Filed Under: Debt & Credit

The Myth of the 36-Month Debt Settlement Program

September 19, 2008 by Charles Phelan 19 Comments

When you discuss debt settlement with most any debt settlement company, they will talk in terms of a typical 36-month program. Some companies, in an attempt to cast their fishing net even wider, will expand program duration to 48 months, or even 60 months. When I worked out the numbers given me by one caller, the settlement company had quoted her an 89-month settlement program! (This may be one good reason why the company that quoted this absurd program has racked up more than 1,500 BBB complaints!)

The purpose of this post is to explain exactly why the “36-month debt settlement program” is a myth that bears no relationship to the reality of how debt settlement works.

Way back in the year 2000, when I was helping build one of the nation’s first large-scale debt settlement companies, we had to figure out a way to enroll the maximum number of clients into the program.
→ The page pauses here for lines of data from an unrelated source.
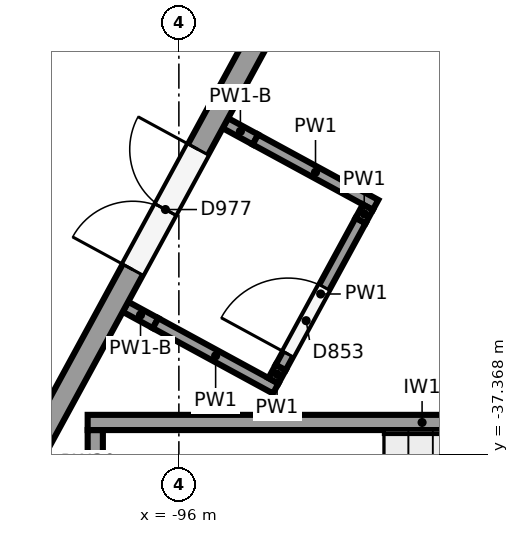
"""IFC4 building model, lengths in metres.
Left out: names, types, materials, properties, quantities, classifications, styles, units other than length and angle.
Written with IfcOpenShell. Run it as: python <this file> out.ifc"""

import sys

from ifc_helpers import new_model, si_unit, direction, frame, frame_2d, origin, place, context, subcontext, project, spatial, rectangle, extrude, element, fill, save


model = new_model("IFC4")
c1 = context("Model", 3, precision=1e-05, world=origin(), true_north=direction((0.0, 1.0)))
c2 = subcontext(c1, "Body", "Model", "MODEL_VIEW")
j1 = project(units=[si_unit("LENGTHUNIT", "METRE"), si_unit("PLANEANGLEUNIT", "RADIAN")], contexts=[c1])
p1 = place(None, origin())
s1 = spatial("IfcSite", under=j1, at=p1, CompositionType="ELEMENT")
p2 = place(p1, origin())
s2 = spatial("IfcBuilding", under=s1, at=p2, CompositionType="ELEMENT")
p3 = place(p2, origin())
s3 = spatial("IfcBuildingStorey", under=s2, at=p3, CompositionType="ELEMENT", Elevation=0.0)
p4 = place(p3, frame((-101.161, -43.311, 0.0), z_axis=(0.0, 0.0, 1.0), x_axis=(0.477867771117, 0.878431780691, 0.0)))
e1 = element("IfcWall", 1, at=p4, inside=s3, PredefinedType="SOLIDWALL", context=c2, shape_type="SweptSolid", body=[
    extrude(rectangle(XDim=13.28, YDim=0.3, at=frame_2d((6.64, 0.0))), origin(), (0.0, 0.0, 1.0), 4.85),
])
p5 = place(p4, frame((9.53, 0.0, 0.0)))
e2 = element("IfcOpeningElement", 2, at=p5, cuts=e1, PredefinedType="OPENING", context=c2, shape_type="SweptSolid", body=[
    extrude(rectangle(XDim=1.8, YDim=2.4, at=frame_2d((0.9, 1.2))), frame((0.0, 0.16, 0.0), z_axis=(0.0, -1.0, 0.0), x_axis=(1.0, 0.0, 0.0)), (0.0, 0.0, 1.0), 0.32),
])
p6 = place(p3, frame((-97.2, -36.95, 0.0), z_axis=(0.0, 0.0, 1.0), x_axis=(1.0, 0.0, 0.0)))
e3 = element("IfcWall", 3, at=p6, inside=s3, PredefinedType="SHEAR", context=c2, shape_type="SweptSolid", body=[
    extrude(rectangle(XDim=8.8, YDim=0.2, at=frame_2d((4.4, 0.0))), origin(), (0.0, 0.0, 1.0), 6.15),
])
p7 = place(p3, frame((-97.1, -37.05, 0.0), z_axis=(0.0, 0.0, 1.0), x_axis=(0.0, -1.0, 0.0)))
e4 = element("IfcWall", 4, at=p7, inside=s3, PredefinedType="SHEAR", context=c2, shape_type="SweptSolid", body=[
    extrude(rectangle(XDim=6.6, YDim=0.2, at=frame_2d((3.3, 0.0))), origin(), (0.0, 0.0, 1.0), 6.15),
])
p8 = place(p3, frame((-96.702, -35.428, 0.0), z_axis=(0.0, 0.0, 1.0), x_axis=(0.878372019733, -0.477977609256, 0.0)))
e5 = element("IfcWall", 5, at=p8, inside=s3, PredefinedType="PARTITIONING", context=c2, shape_type="SweptSolid", body=[
    extrude(rectangle(XDim=0.45, YDim=0.15, at=frame_2d((0.225, 0.0))), origin(), (0.0, 0.0, 1.0), 4.85),
])
p9 = place(p3, frame((-96.307, -35.643, 0.0), z_axis=(0.0, 0.0, 1.0), x_axis=(0.878428962466, -0.477872951632, 0.0)))
e6 = element("IfcWall", 6, at=p9, inside=s3, PredefinedType="PARTITIONING", context=c2, shape_type="SweptSolid", body=[
    extrude(rectangle(XDim=1.8, YDim=0.15, at=frame_2d((0.9, 0.0))), origin(), (0.0, 0.0, 1.0), 6.15),
])
p10 = place(p3, frame((-95.388, -33.013, 0.0), z_axis=(0.0, 0.0, 1.0), x_axis=(0.878372019733, -0.477977609256, 0.0)))
e7 = element("IfcWall", 7, at=p10, inside=s3, PredefinedType="PARTITIONING", context=c2, shape_type="SweptSolid", body=[
    extrude(rectangle(XDim=0.45, YDim=0.15, at=frame_2d((0.225, 0.0))), origin(), (0.0, 0.0, 1.0), 4.85),
])
p11 = place(p3, frame((-94.993, -33.228, 0.0), z_axis=(0.0, 0.0, 1.0), x_axis=(0.878459932885, -0.477816017223, 0.0)))
e8 = element("IfcWall", 8, at=p11, inside=s3, PredefinedType="PARTITIONING", context=c2, shape_type="SweptSolid", body=[
    extrude(rectangle(XDim=1.8, YDim=0.15, at=frame_2d((0.9, 0.0))), origin(), (0.0, 0.0, 1.0), 6.15),
])
p12 = place(p3, frame((-94.756, -36.402, 0.0), z_axis=(0.0, 0.0, 1.0), x_axis=(0.478168266369, 0.878268244352, 0.0)))
e9 = element("IfcWall", 9, at=p12, inside=s3, PredefinedType="PARTITIONING", context=c2, shape_type="SweptSolid", body=[
    extrude(rectangle(XDim=0.2, YDim=0.15, at=frame_2d((0.1, 0.0))), origin(), (0.0, 0.0, 1.0), 6.15),
])
p13 = place(p3, frame((-94.66, -36.226, 0.0), z_axis=(0.0, 0.0, 1.0), x_axis=(0.477887643273, 0.878420969927, 0.0)))
e10 = element("IfcWall", 10, at=p13, inside=s3, PredefinedType="PARTITIONING", context=c2, shape_type="SweptSolid", body=[
    extrude(rectangle(XDim=2.2, YDim=0.15, at=frame_2d((1.1, 0.0))), origin(), (0.0, 0.0, 1.0), 6.15),
])
p14 = place(p13, frame((0.2, 0.0, 0.0)))
e11 = element("IfcOpeningElement", 11, at=p14, cuts=e10, PredefinedType="OPENING", context=c2, shape_type="SweptSolid", body=[
    extrude(rectangle(XDim=1.0, YDim=2.1, at=frame_2d((0.5, 1.05))), frame((0.0, 0.085, 0.0), z_axis=(0.0, -1.0, 0.0), x_axis=(1.0, 0.0, 0.0)), (0.0, 0.0, 1.0), 0.17),
])
p15 = place(p3, frame((-93.609, -34.294, 0.0), z_axis=(0.0, 0.0, 1.0), x_axis=(0.477226530971, 0.878780312785, 0.0)))
e12 = element("IfcWall", 12, at=p15, inside=s3, PredefinedType="PARTITIONING", context=c2, shape_type="SweptSolid", body=[
    extrude(rectangle(XDim=0.2, YDim=0.15, at=frame_2d((0.1, 0.0))), origin(), (0.0, 0.0, 1.0), 6.15),
])
p16 = place(p5, origin())
e13 = element("IfcDoor", 13, at=p16, inside=s3, OperationType="DOUBLE_DOOR_SINGLE_SWING", PredefinedType="DOOR", context=c2, shape_type="SweptSolid", body=[
    extrude(rectangle(XDim=1.8, YDim=2.4, at=frame_2d((0.9, 1.2))), frame((0.0, 0.025, 0.0), z_axis=(0.0, -1.0, 0.0), x_axis=(1.0, 0.0, 0.0)), (0.0, 0.0, 1.0), 0.05),
])
fill(e2, e13)
p17 = place(p14, origin())
e14 = element("IfcDoor", 14, at=p17, inside=s3, OperationType="SINGLE_SWING_LEFT", PredefinedType="DOOR", context=c2, shape_type="SweptSolid", body=[
    extrude(rectangle(XDim=1.0, YDim=2.1, at=frame_2d((0.5, 1.05))), frame((0.0, 0.025, 0.0), z_axis=(0.0, -1.0, 0.0), x_axis=(1.0, 0.0, 0.0)), (0.0, 0.0, 1.0), 0.05),
])
fill(e11, e14)
save(model, sys.argv[1])

The easiest way to do that was to focus on the size of the monthly payment to fund the settlement process. Let’s say a client had $30,000 of credit card debt. Typical monthly payments in those days would have been about $600, or about 2.0% of the total. Obviously, the client could not sustain the $600/mo, which is why they were looking at other options. Backing off a half-percent to 1.5% made all the difference in the world. So we talked in terms of the 1.5% as the monthly funding pace, where a $30,000 debt client needed to fund the program at a pace of $450/mo, or 1.5% of the total balance. This relief of $150 per month was frequently enough for the client to breathe a little easier, and get away from “robbing Peter to pay Paul” every month.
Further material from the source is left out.